As with everything else in life, climate change is beginning to affect how apple trees grow, so we need to choose trees that can cope with our Scottish weather, bearing in mind that weather patterns are increasingly unpredictable. Although we’re enduring some extreme conditions they’re much less severe than elsewhere.
Many of us, including me, complained about the frost damage to apple blossom this spring, leading to reduced yield. Some of my trees, like Tower of Glamis and White Melrose, got a pasting. 
But this was nothing compared to the devastating drought endured by Spanish growers. With the accompanying water shortage, some Catalans came close to stripping their trees and losing their entire harvest to protect the long-term future of the trees.
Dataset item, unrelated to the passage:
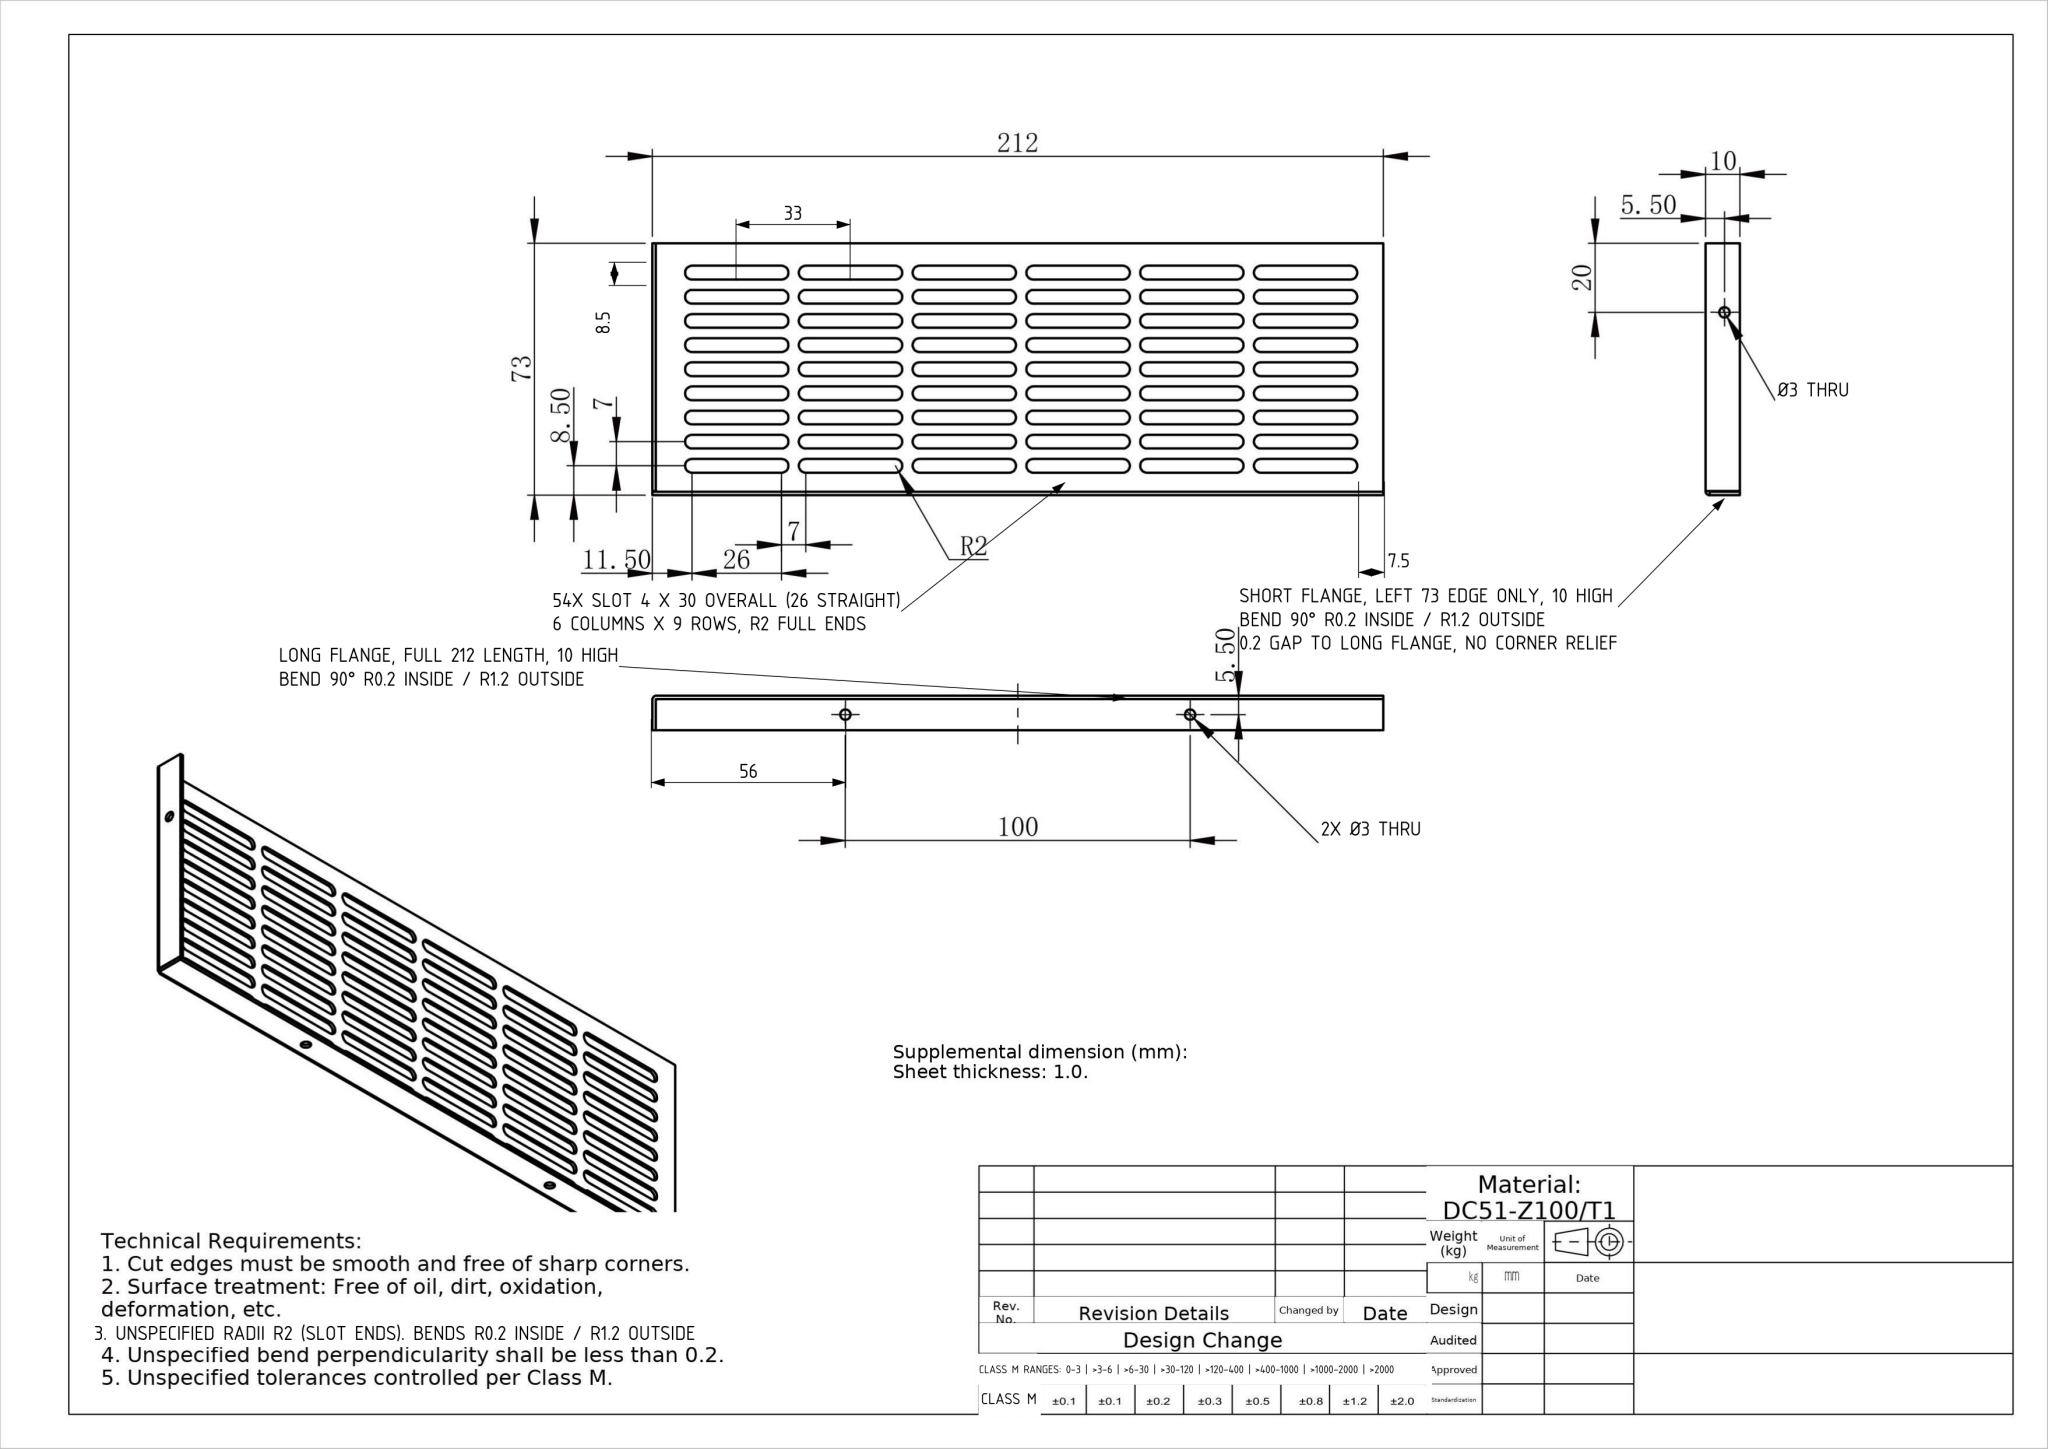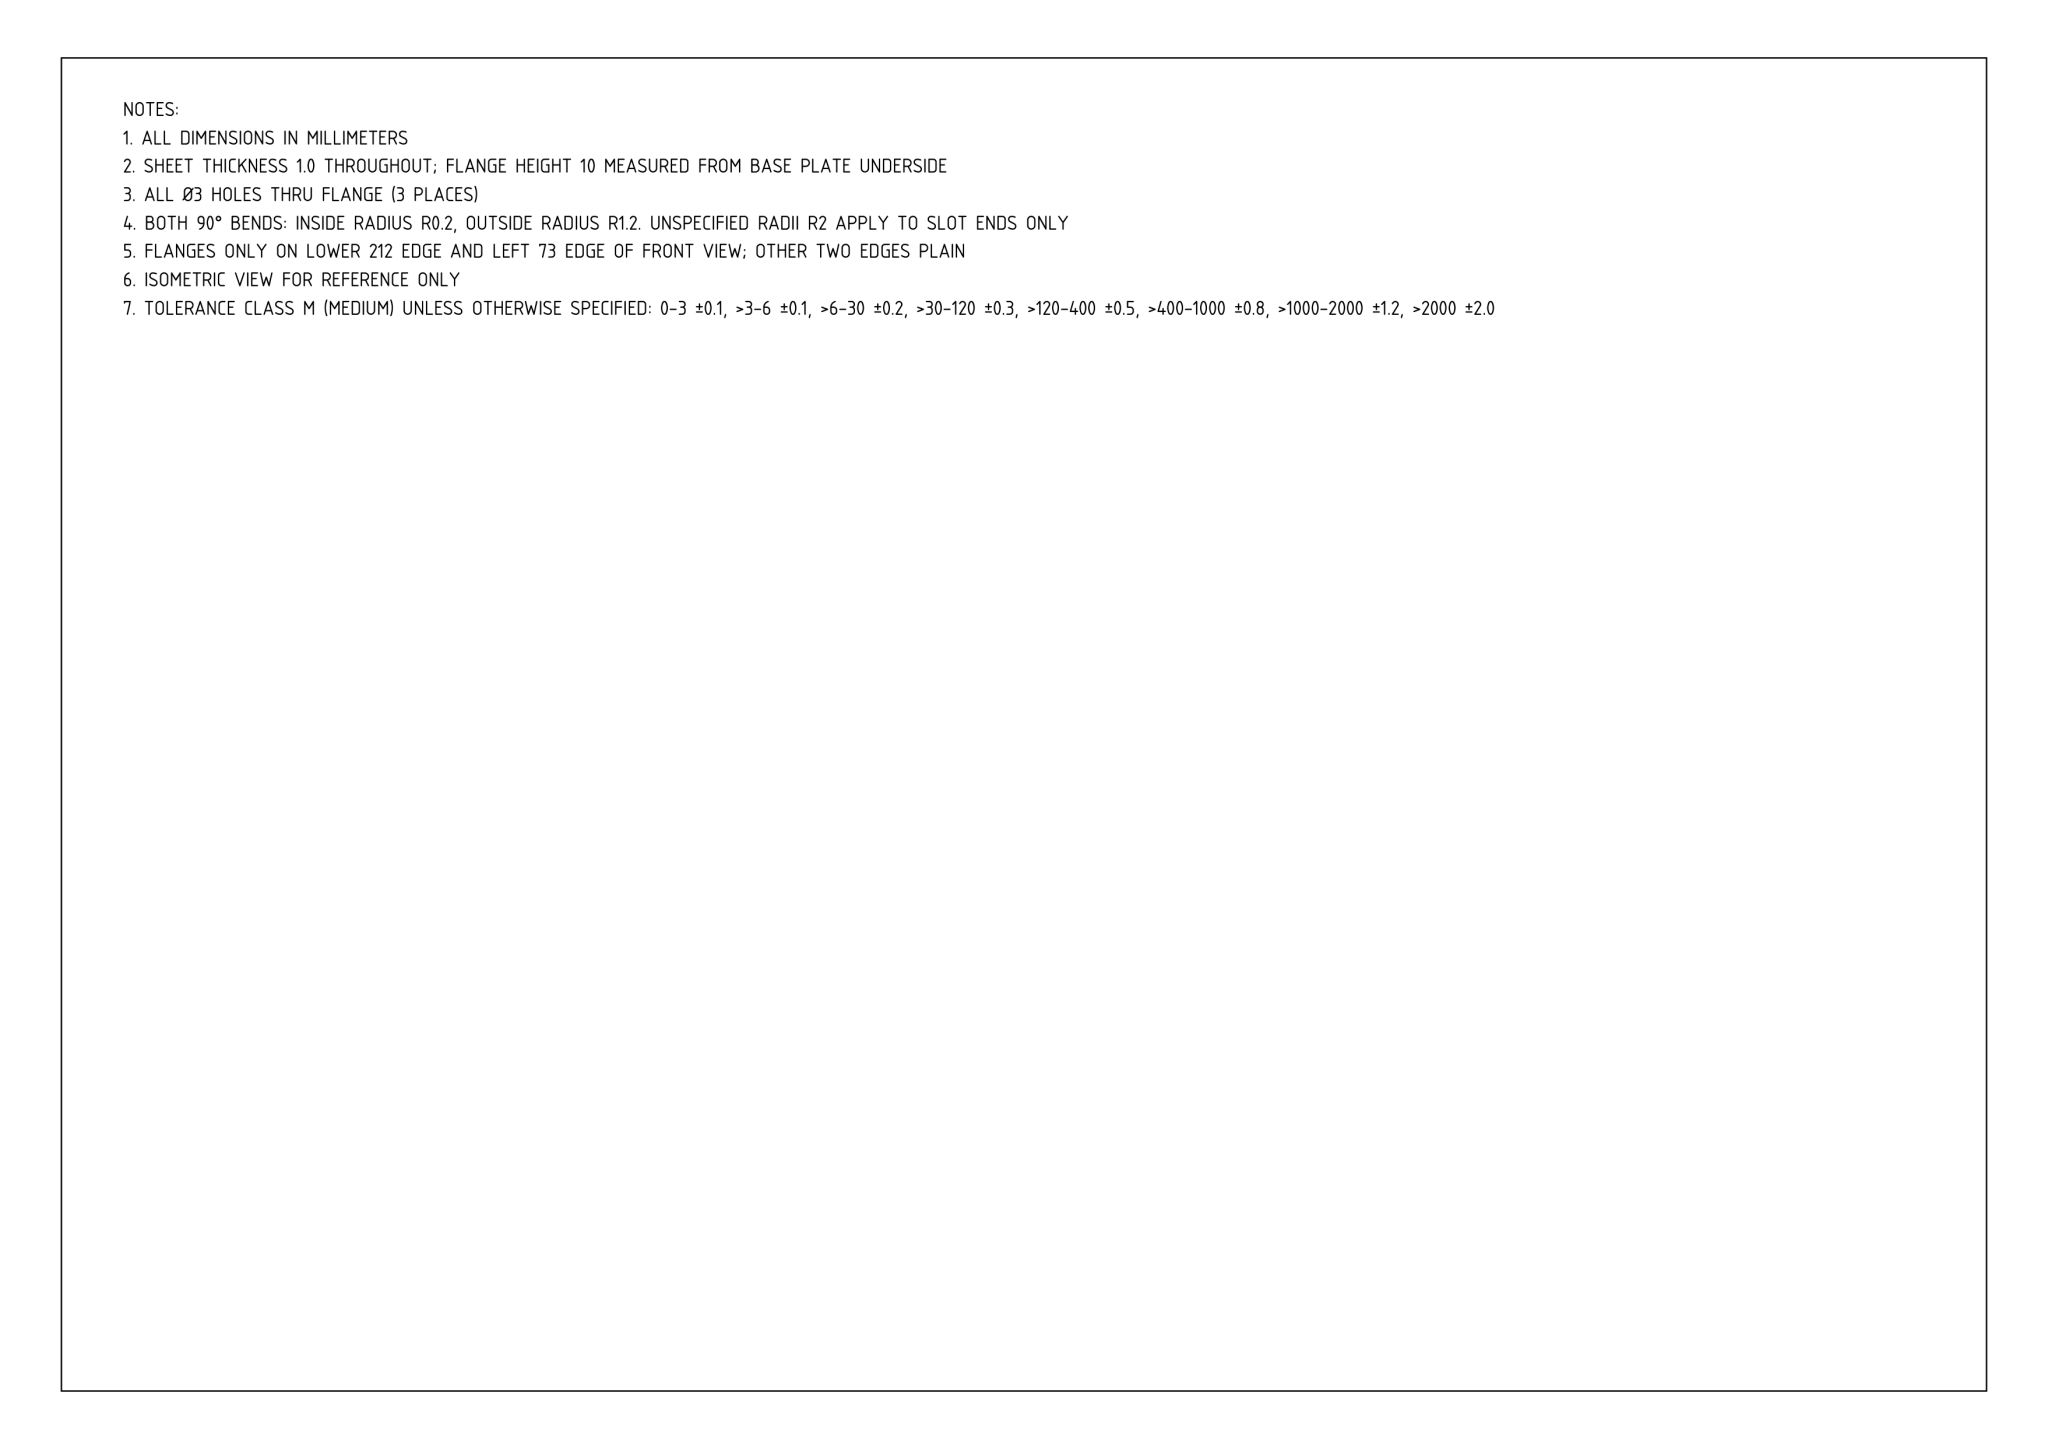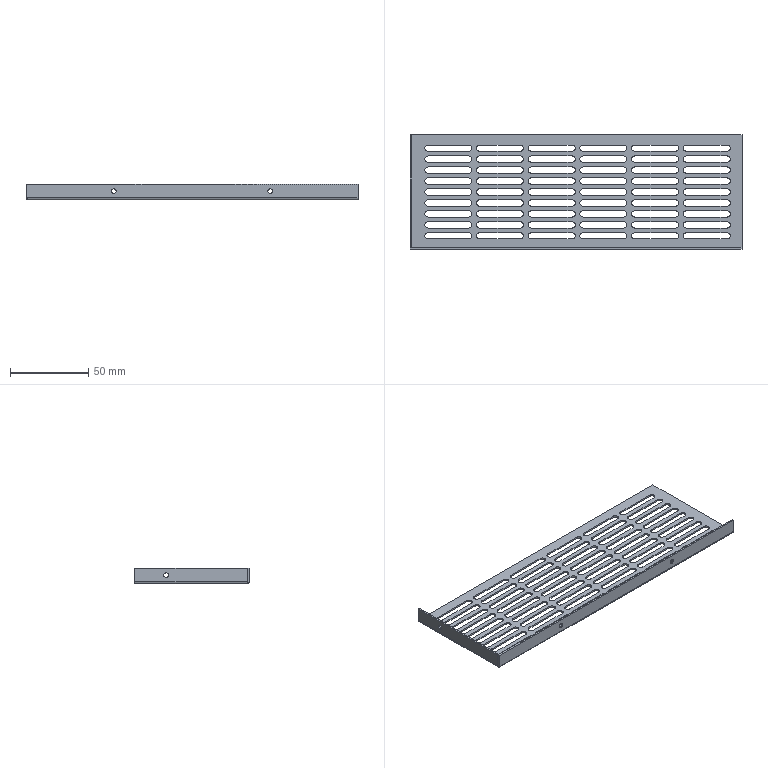Part | NX | mm | 1 solid | 299 faces | box 212 x 73 x 10 mm | volume 11628 mm3 | cylinder 172 | plane 127 | commonest cylinder face diameters 4 x162 3 x6 2.4 x2 0.4 x2

Luckily the rains came in time. 
These problems are leading to the need for new varieties that can handle temperatures in excess of 40℃. And over the lifetime of an apple tree – 80-140 years – things could get a lot worse, probably significantly worse than for us.
Unfortunately, traditional apple breeding takes 20 to 25 years of research to find, select, grow and ratify a new variety. A breeder might be lucky to produce one new variety in a lifetime. But luckily we are at the beginning of a new phase of plant breeding through gene editing. This process entails manipulating the individual parts, or nucleotides, of a plant’s genome and unlike genetic modification, it does not involve introducing one or more nucleotides from a different species.
A strand of apple DNA comprises 750 million nucleotides or letters. It’s estimated that 25 million of these nucleotides can significantly alter an apple’s taste, appearance and growth when one or more of these letters are moved to a different position within the genome. 
An agricultural research centre in Bern, Switzerland, has been pioneering work in this field. By studying 500 different apple varieties, the researchers could identify nucleotides that affect the key parts of a variety’s citrate, fructose and sucrose and, therefore, an apple’s flavour. 
Genetic editing is in its infancy, but we can hope this process will give us varieties resilient to the weather changes we are beginning to endure.
In the meantime the best option is to select varieties that work well in Scotland just now. Undoubtedly Andrew Lear, the apple tree man, based at Blackhaugh Farm in Spittalfield, Perthshire, is best placed to give advice (plantsandapples.com). 
His wide selection of trees suitable for this country include Scottish heirloom varieties such as Arbroath Oslin and Lass o’ Gowrie. 
And who could resist Bloody Ploughman? The tree reputedly grew from a seedling that had emerged from the bones of a ploughman shot while scrumping apples at Megginch Castle, Perthshire. The apples’ dark red skins tell it all.

 

Plant of the week

Common jelly ear, Auricularia auricula-judae, is a species of jelly fungus, so not a plant, that grows on a variety of deciduous trees and shrubs in damp places. The fruiting bodies that we see are browny pink and ear-shaped and look gelatinous especially after rain. In fact they may shrivel up in dry weather and then rehydrate after a shower.